Eli's Rehab Report

HHAs:

Is Your PTA and COTA Utilization Hurting Your Agency?

See where most HHAs go wrong when it comes to these valuable assistants.

A huge caseload of patients backlogged for therapy, staffing shortages, a high cost per visit, and less than optimal productivity -- sound similar to your home health agency's rehab situation? It's not a pretty picture for most HHAs in these crunched times. And if it's not about productivity, it's about producing better patient outcomes.

The good news: Most agencies can remedy these problems by making changes to their therapy assistant utilization. Here's what the experts have to say.

Consider Your State Practice Act First

You can't change your assistant utilization until you know what your state practice act allows in the home care setting. "Frequency, scope of practice, and type of supervision are state-dependent," says Francine Wheelock, PT, MPA, manager of clinical information systems for MaineGeneral Health in Augusta, Maine. Plus, states have their own rules on therapist-to-assistant ratios, she adds.

Careful: Some agencies consider their state practice act "the gold standard of care," which is not always clinically appropriate, says Cindy Krafft, MS, PT, COSC, Peoria, Ill.-based consultant with Fazzi Associates. For example, in Illinois, an assistant can see a patient after the therapist has done an evaluation, but the clinician needs to see the patient every six visits. But if you're dealing with a complex case, the therapist may need to go more often,Krafft says. So before you max out your assistants to the minimum standard in your state for productivity's sake, remember that it is a minimum.

Also, your outcomes are more important than ever with Medicare's Home Health Quality Reporting Initiative. "HHAs must report quality standards in 2009 or receive a 2 percent reduction in payment," said Roshunda Drummond-Dye, Esq., associate director of payment policy and advocacy for the American Physical Therapy Association, in a presentation at APTA's Combined Sections Meeting in February 2009. Plus, there's the home health pay-for-performance demonstration going on too, she pointed out.

Good idea: Check your payer policies guidelines too. "Many insurance companies have limitations on coverage or no-coverage for assistant visits," Wheelock says. And "it's up to the therapist and the home health agency to get pre-approval for coverage of PTA/COTA visits."

Create a Communication Policy

Technology such as e-mail, cell phones, and pagers have been welcome additions to the days when a COTA, for example, had to find a pay phone or use a patient's land line to call her supervising OT with a question. "But now it's as if agencies have too many choices of communication," which can hurt productivity, Krafft says.

It's hard enough to track down a clinician when you have to try his e-mail, cell phone, voice mail, or other contact, and it gets even more complicated when each clinician has her own contact preference, Krafft says.

Solution: Get your therapists and assistants to agree on a standard communication policy.
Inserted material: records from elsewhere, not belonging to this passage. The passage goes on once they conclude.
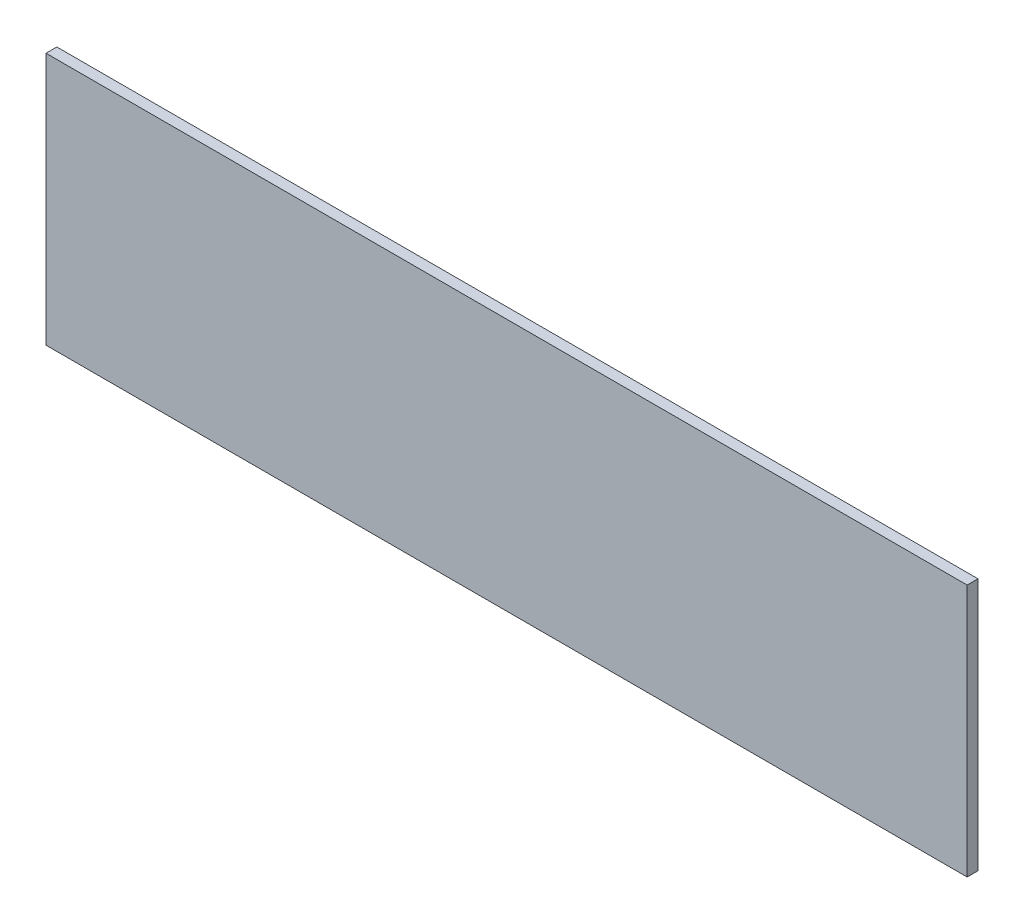
from build123d import *

# Parameters (mm, degrees)
SKETCH_1_W      = 255
SKETCH_1_H      = 70
EXTRUDE_1_DEPTH = 3


with BuildPart() as part:
    # 草图1 → 凸台-拉伸1 (new body)
    with BuildSketch(Plane.XY):
        with Locations((127.5, 35)):
            Rectangle(SKETCH_1_W, SKETCH_1_H)
    extrude(amount=EXTRUDE_1_DEPTH)


solid = part.part
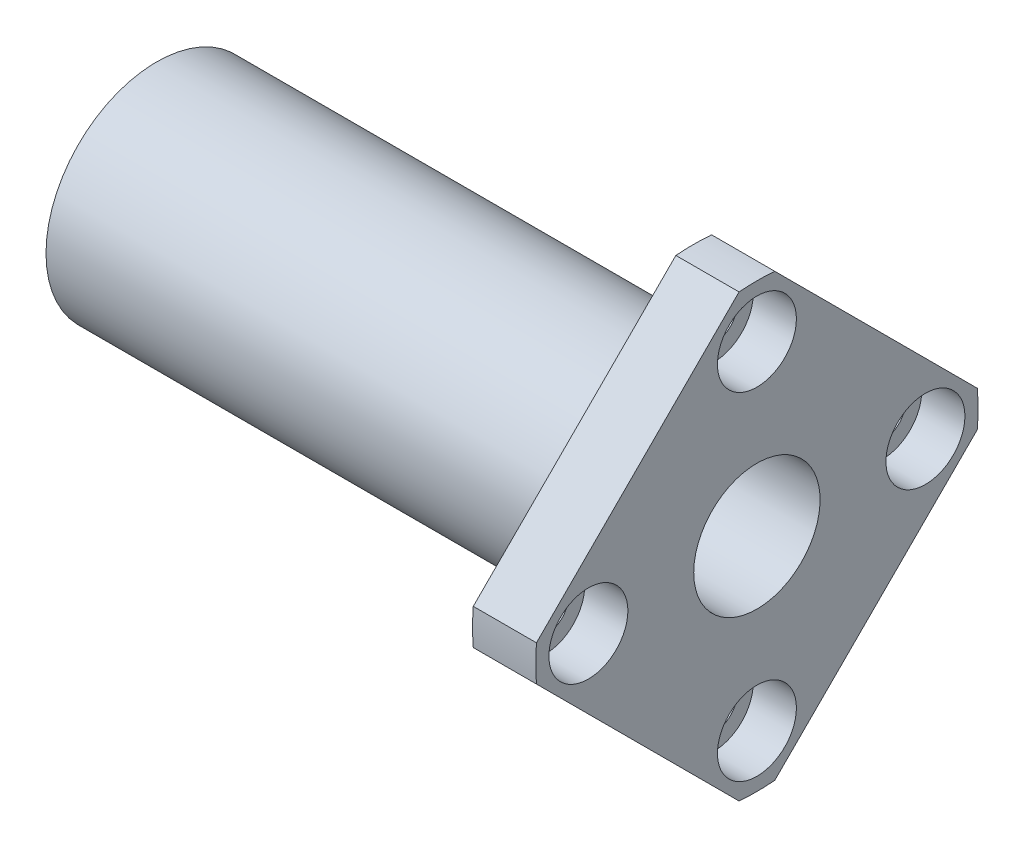
from build123d import *

# Parameters (mm, degrees)
SKETCH1_R                      = 10.5
SKETCH1_R_2                    = 6
BOSS_EXTRUDE1_DEPTH            = 28.5
BOSS_EXTRUDE2_START            = -6
SKETCH2_R                      = 21
SKETCH2_R_2                    = 6
BOSS_EXTRUDE2_DEPTH            = 6
F_7_5_7_5_DIAMETER_HOLE1_D     = 7.5
F_7_5_7_5_DIAMETER_HOLE1_DEPTH = 4.1
F_4_5_4_5_DIAMETER_HOLE1_D     = 4.5
CIRPATTERN1_COUNT              = 4
CUT_EXTRUDE1_START             = -6
SKETCH7_OUTSIDE_W              = 60.464
SKETCH7_OUTSIDE_H              = 60.464
CUT_EXTRUDE1_DEPTH             = 6


with BuildPart() as part:
    # Sketch1 → Boss-Extrude1 (new, symmetric)
    with BuildSketch(Plane(origin=(0, 0, 0), x_dir=(0, 0, -1), z_dir=(1, 0, 0))):
        with Locations(Location((0, 0, 0), (0, 0, 180))):
            Circle(SKETCH1_R)
        with Locations(Location((0, 0, 0), (0, 0, 180))):
            Circle(SKETCH1_R_2, mode=Mode.SUBTRACT)
    extrude(amount=BOSS_EXTRUDE1_DEPTH, both=True)

    # Sketch2 → Boss-Extrude2 (add)
    with BuildSketch(Plane(origin=(28.5, 0, 0), x_dir=(0, 0, -1), z_dir=(1, 0, 0)).offset(BOSS_EXTRUDE2_START)):
        Circle(SKETCH2_R)
        with Locations(Location((0, 0, 0), (0, 0, 180))):
            Circle(SKETCH2_R_2, mode=Mode.SUBTRACT)
    extrude(amount=BOSS_EXTRUDE2_DEPTH)

    # Ø7.5 (7.5) Diameter Hole1
    with Locations(Plane(origin=(28.5, 0, 0), x_dir=(0, 0, -1), z_dir=(1, 0, 0))):
        with Locations((0, 16)):
            f_7_5_7_5_diameter_hole1 = Hole(F_7_5_7_5_DIAMETER_HOLE1_D / 2, depth=F_7_5_7_5_DIAMETER_HOLE1_DEPTH)

    # Ø4.5 (4.5) Diameter Hole1 (through all)
    with Locations(Plane(origin=(24.4, 0, 0), x_dir=(0, 0, -1), z_dir=(1, 0, 0))):
        with Locations((0, 16)):
            f_4_5_4_5_diameter_hole1 = Hole(F_4_5_4_5_DIAMETER_HOLE1_D / 2)

    # CirPattern1: Ø7.5 (7.5) Diameter Hole1, Ø4.5 (4.5) Diameter Hole1 ×4 about axis
    cirpattern1_axis = Axis((0, 0, 0), (1, 0, 0))
    add([f_7_5_7_5_diameter_hole1.rotate(cirpattern1_axis, i * 360 / CIRPATTERN1_COUNT) for i in range(1, CIRPATTERN1_COUNT)], mode=Mode.SUBTRACT)
    add([f_4_5_4_5_diameter_hole1.rotate(cirpattern1_axis, i * 360 / CIRPATTERN1_COUNT) for i in range(1, CIRPATTERN1_COUNT)], mode=Mode.SUBTRACT)

    # Sketch7 outside → Cut-Extrude1 (cut)
    with BuildSketch(Plane(origin=(28.5, 0, 0), x_dir=(0, 0, -1), z_dir=(1, 0, 0)).offset(CUT_EXTRUDE1_START)):
        Rectangle(SKETCH7_OUTSIDE_W, SKETCH7_OUTSIDE_H)
        Polygon((0, 22.627416998), (-22.627416998, 0), (0, -22.627416998), (22.627416998, 0), align=None, mode=Mode.SUBTRACT)
    extrude(amount=CUT_EXTRUDE1_DEPTH, mode=Mode.SUBTRACT)


solid = part.part
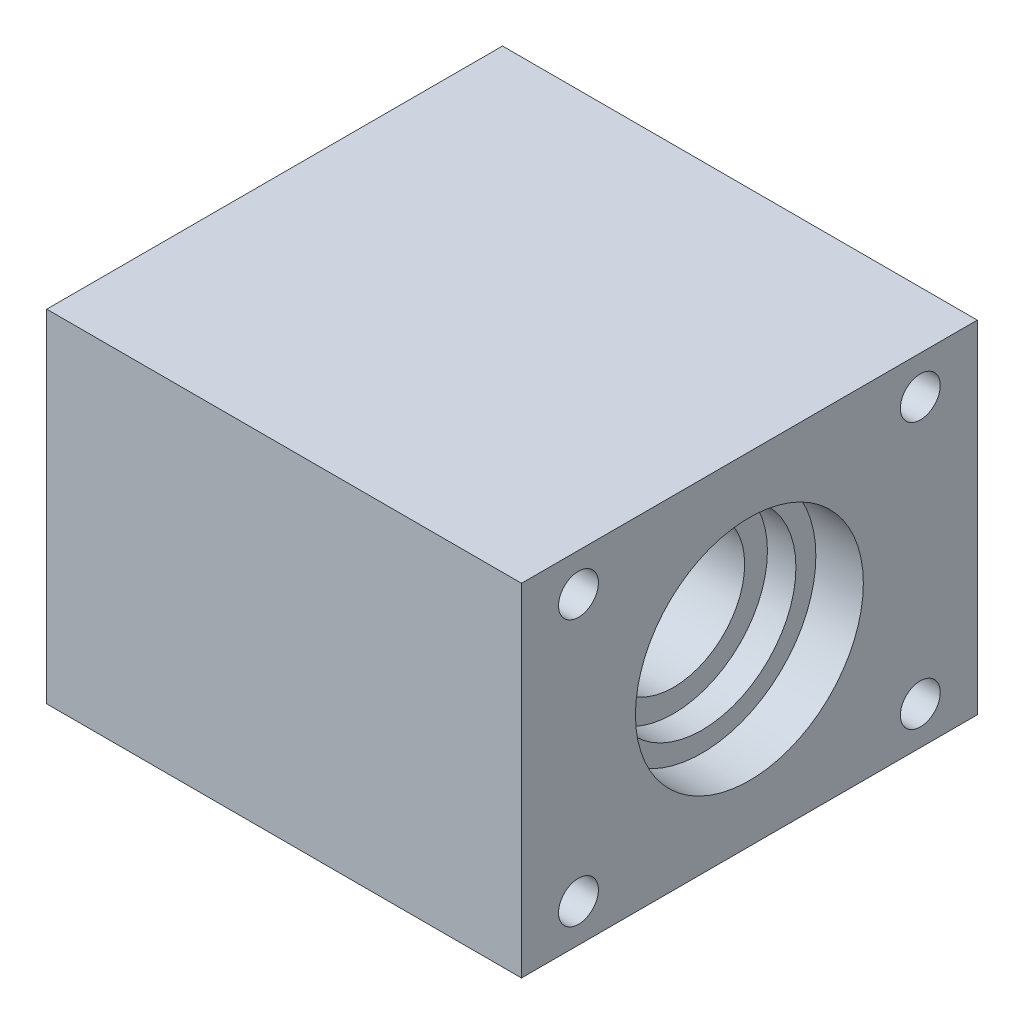
SolidWorks part; units mm, degrees
ref_plane "Front Plane" through (0, 0, 0) normal (0, 0, 1) x (1, 0, 0)
ref_plane "Top Plane" through (0, 0, 0) normal (0, 1, 0) x (1, 0, 0)
ref_plane "Right Plane" through (0, 0, 0) normal (1, 0, 0) x (0, 0, -1)
sketch "Sketch1" plane through (0, 0, 0) normal (1, 0, 0) x (0, 0, -1)
  line L1 (-24, -18) -> (24, -18)
  line L2 (-24, -18) -> (-24, 18)
  line L3 (-24, 18) -> (24, 18)
  line L4 (24, -18) -> (24, 18)
  line L5 (-24, -18) -> (24, 18) construction
  line L6 (-24, 18) -> (24, -18) construction
  circle A1 centre (0, 0) radius 7.5
  dimension "D1" = 48
  dimension "D2" = 15
  dimension "D3" = 36
extrude "Boss-Extrude1" add sketch "Sketch1" along normal mid plane 50
sketch "Sketch2" plane through (-25, 0, 0) normal (-1, 0, 0) x (0, 0, 1)
  circle A0 centre (0, 0) radius 12
  dimension "D1" = 24
extrude "Cut-Extrude1" cut sketch "Sketch2" against normal blind 5
sketch "Sketch3" plane through (-20, 0, 0) normal (-1, 0, 0) x (0, 0, 1)
  circle A0 centre (0, 0) radius 9.9
  dimension "D1" = 19.8
extrude "Cut-Extrude2" cut sketch "Sketch3" against normal blind 3
mirror "Mirror4" about plane through (0, 0, 0) normal (1, 0, 0) of "Cut-Extrude2", "Cut-Extrude1"
sketch "Sketch5" plane through (0, 0, -24) normal (0, 0, -1) x (-1, 0, 0)
  line L1 (0, 0) -> (0, 13.862) construction
  circle A0 centre (7, 0) radius 2
  circle A1 centre (-7, 0) radius 2
  dimension "D2" = 4
  dimension "D1" = 14
extrude "Cut-Extrude3" cut sketch "Sketch5" against normal blind 20
hole_wizard "M5 Tapped Hole1" positions "Sketch6" profile "Sketch7" tap size "M5" standard "ISO"
sketch "Sketch6" plane through (25, 0, 0) normal (1, 0, 0) x (0, 0, -1)
  line L0 (0, 0) -> (0, 29.7992) construction
  line L2 (0, 0) -> (36.2586, 0) construction
  point P0 (-18, 14)
  point P2 (18, 14)
  point P4 (-18, -14)
  point P6 (18, -14)
  dimension "D1" = 28
  dimension "D2" = 36
sketch "Sketch7" plane through (25, 14, 18) normal (0, 1, 0) x (0, 0, -1)
  line L0 (0, 0) -> (0, 13.6618)
  line L1 (0, 13.6618) -> (2.1, 12.4)
  line L2 (2.1, 12.4) -> (2.1, 0)
  line L5 (2.1, 0) -> (0, 0)
  line L10 (0, 13.6618) -> (-2.1, 12.4) construction
  line L11 (0, -6.35) -> (0, 107.95) construction
  dimension "螺纹孔钻头直径" = 4.2
  dimension "螺纹孔钻头深度" = 12.4
  dimension "导头角度" = 118
cosmetic thread "Cosmetic Thread1" parameters "D1"=10, "D2"=5
cosmetic thread "Cosmetic Thread2" parameters "D1"=10, "D2"=5
cosmetic thread "Cosmetic Thread3" parameters "D1"=10, "D2"=5
cosmetic thread "Cosmetic Thread4" parameters "D1"=10, "D2"=5
sketch "Sketch8" plane through (-25, 0, 0) normal (-1, 0, 0) x (0, 0, 1)
hole_wizard "M3 Tapped Hole1" positions "Sketch10" profile "Sketch11" tap size "M3" standard "ISO"
sketch "Sketch10" plane through (-25, 0, 0) normal (-1, 0, 0) x (0, 0, 1)
  line L0 (0, 0) -> (0, 25.5791) construction
  line L2 (0, 0) -> (34.9667, 0) construction
  point P0 (-14, 14)
  point P2 (-14, -14)
  point P4 (14, 14)
  point P6 (14, -14)
  dimension "D1" = 28
  dimension "D2" = 28
sketch "Sketch11" plane through (-25, 14, -14) normal (0, 1, 0) x (0, 0, 1)
  line L0 (0, 0) -> (0, 10.8511)
  line L1 (0, 10.8511) -> (1.25, 10.1)
  line L2 (1.25, 10.1) -> (1.25, 0)
  line L5 (1.25, 0) -> (0, 0)
  line L10 (0, 10.8511) -> (-1.25, 10.1) construction
  line L11 (0, -6.35) -> (0, 107.95) construction
  dimension "螺纹孔钻头直径" = 2.5
  dimension "螺纹孔钻头深度" = 10.1
  dimension "导头角度" = 118
cosmetic thread "Cosmetic Thread5" parameters "D1"=6, "D2"=3
cosmetic thread "Cosmetic Thread6" parameters "D1"=6, "D2"=3
cosmetic thread "Cosmetic Thread7" parameters "D1"=6, "D2"=3
cosmetic thread "Cosmetic Thread8" parameters "D1"=6, "D2"=3
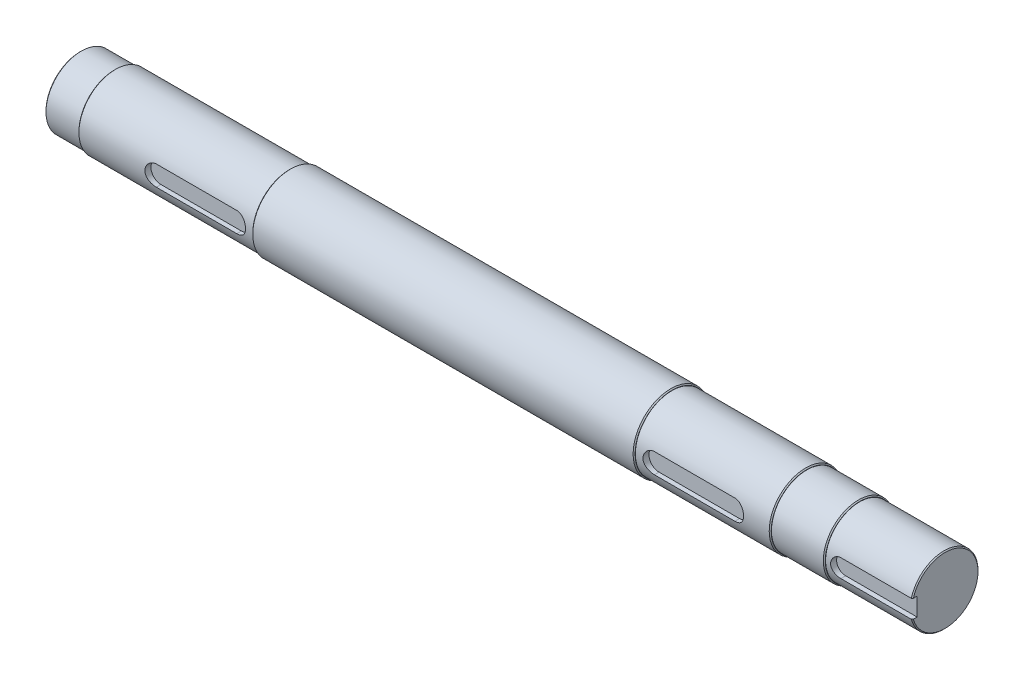
SolidWorks part; units mm, degrees
material "热轧圆钢 45"
ref_plane "Front Plane" through (0, 0, 0) normal (0, 0, 1) x (1, 0, 0)
ref_plane "Top Plane" through (0, 0, 0) normal (0, 1, 0) x (1, 0, 0)
ref_plane "Right Plane" through (0, 0, 0) normal (1, 0, 0) x (0, 0, -1)
sketch "Sketch1" plane through (0, 0, 0) normal (0, 0, 1) x (1, 0, 0)
  line L0 (-820.6626, 0) -> (1121.6597, 0) construction
  line L1 (0, 78) -> (0, 0) construction
  line L3 (923, 18) -> (781, 18) construction
  line L4 (923, -18) -> (781, -18) construction
  line L5 (923, 0) -> (923, 18) construction
  line L6 (-575, 20) -> (-415, 20) construction
  line L7 (-575, -20) -> (-415, -20) construction
  line L9 (-796, 70) -> (-728, 70)
  line L10 (-796, 0) -> (923, 0)
  line L11 (-796, 70) -> (-796, 0)
  line L12 (923, 0) -> (923, -18) construction
  line L15 (-728, 72.5) -> (-380, 72.5)
  line L17 (-728, 72.5) -> (-728, 70)
  line L21 (-380, 75) -> (-380, 72.5)
  line L25 (-380, 75) -> (380, 75)
  line L27 (380, 75) -> (380, 72.5)
  line L31 (380, 72.5) -> (648, 72.5)
  line L33 (648, 72.5) -> (648, 70)
  line L37 (648, 70) -> (753, 70)
  line L39 (753, 70) -> (753, 67.5)
  line L43 (753, 67.5) -> (923, 67.5)
  line L45 (923, 67.5) -> (923, 0)
  arc A0 (781, 18) -> (781, -18) centre (781, 0) ccw construction
  arc A1 (-575, 20) -> (-575, -20) centre (-575, 0) ccw construction
  arc A2 (-415, -20) -> (-415, 20) centre (-415, 0) ccw construction
  dimension "D17" = 35
  dimension "D13" = 160
  dimension "D1" = 140
  dimension "D2" = 68
  dimension "D3" = 145
  dimension "D4" = 348
  dimension "D5" = 760
  dimension "D6" = 150
  dimension "D7" = 268
  dimension "D8" = 145
  dimension "D9" = 140
  dimension "D10" = 105
  dimension "D11" = 135
  dimension "D12" = 170
  dimension "D14" = 36
  dimension "D15" = 160
  dimension "D16" = 40
revolve "Revolve1" add sketch "Sketch1" angle 360 about L0
ref_plane "Plane2" through (0, 0, 67.5) normal (0, 0, 1) x (1, 0, 0)
sketch "Sketch2" plane through (0, 0, 67.5) normal (0, 0, 1) x (1, 0, 0)
  line L0 (923, -18) -> (781, -18) construction
  line L1 (923, -18) -> (781, -18)
  line L2 (923, 18) -> (781, 18) construction
  line L3 (923, 0) -> (923, -18) construction
  line L4 (923, 67.5) -> (923, 0) construction
  line L5 (923, 18) -> (781, 18)
  line L6 (923, 0) -> (923, -18)
  line L7 (923, 18) -> (923, 0)
  arc A0 (781, 18) -> (781, -18) centre (781, 0) ccw construction
  arc A1 (781, 18) -> (781, -18) centre (781, 0) ccw
extrude "Cut-Extrude1" cut sketch "Sketch2" against normal blind 12
ref_plane "Plane3" through (0, 0, 72.5) normal (0, 0, 1) x (1, 0, 0)
sketch "Sketch3" plane through (0, 0, 72.5) normal (0, 0, 1) x (1, 0, 0)
  line L0 (-575, -20) -> (-415, -20) construction
  line L1 (-575, -20) -> (-415, -20)
  line L2 (-575, 20) -> (-415, 20) construction
  line L3 (-575, 20) -> (-415, 20)
  line L4 (0, 0) -> (0, -209.4009) construction
  line L5 (575, 20) -> (415, 20)
  line L6 (575, -20) -> (415, -20)
  arc A0 (-575, 20) -> (-575, -20) centre (-575, 0) ccw construction
  arc A1 (-415, -20) -> (-415, 20) centre (-415, 0) ccw construction
  arc A2 (-575, 20) -> (-575, -20) centre (-575, 0) ccw
  arc A3 (-415, -20) -> (-415, 20) centre (-415, 0) ccw
  arc A4 (415, -20) -> (415, 20) centre (415, 0) cw
  arc A5 (575, 20) -> (575, -20) centre (575, 0) cw
extrude "Cut-Extrude2" cut sketch "Sketch3" against normal blind 12
chamfer "Chamfer1" distance 2 angle 45 7 edges at (923, 0, -67.5) (753, 0, 70) (648, 0, 72.5) (380, 0, 75) (-380, 0, 75) (-728, 0, 72.5) (-796, 0, 70)

Perhaps you decide to always use cell phones only and require everyone to check their voicemail at 11 a.m. and 4 p.m. every day. If you don't have company phones and therapists don't want to use their personal minutes, perhaps an e-mail solution would be better. Whatever you decide, keep it simple and consistent.

Develop an Objective Handoff Procedure

Another issue that can kill productivity -- and quality of care -- is inconsistent patient handoffs. "It's very interesting when I go into an agency and speak separately with the assistants," Krafft observes. The assistants speak up more -- and often about things that shouldn't be happening. For example, she's heard of clinicians handing off all the "stinky" (or less desirable) patients to the assistants. "I've also seen PTs hand off a patient to PTAs and then decide later to take the patient back because the patient's dog is nice, or an OT gives a patient to the COTA because the drive is too far," she recalls.

Bottom line: None of these reasons have a clinical basis. And the other extreme happens, too. "I've seen therapists with trust issues refuse to hand off their patients to assistants, and then assistants end up going home because there's no work -- yet there are patients still waiting for therapy and the physicians are wondering why," Krafft says.

Even if the therapist thinks she's doing the patient a favor, the agency's therapy productivity suffers, and the cost per visit goes up.

"But beyond that, eventually physicians won't tolerate their patients' waiting for therapy and will start looking for other providers," Kraft warns. "Remember that it's never the good news that keeps to the front of their minds," Krafft says.

Solution: Create an official handoff procedure based on clinical criteria, Krafft recommends. You might also get upper management to help develop the procedure. "A lot of HHAs, particularly because most of them are run by nurses, are hesitant to get into this process because they feel it is a 'therapy thing,' but sometimes we need a little guidance to make sure we're really using all our resources," Krafft adds.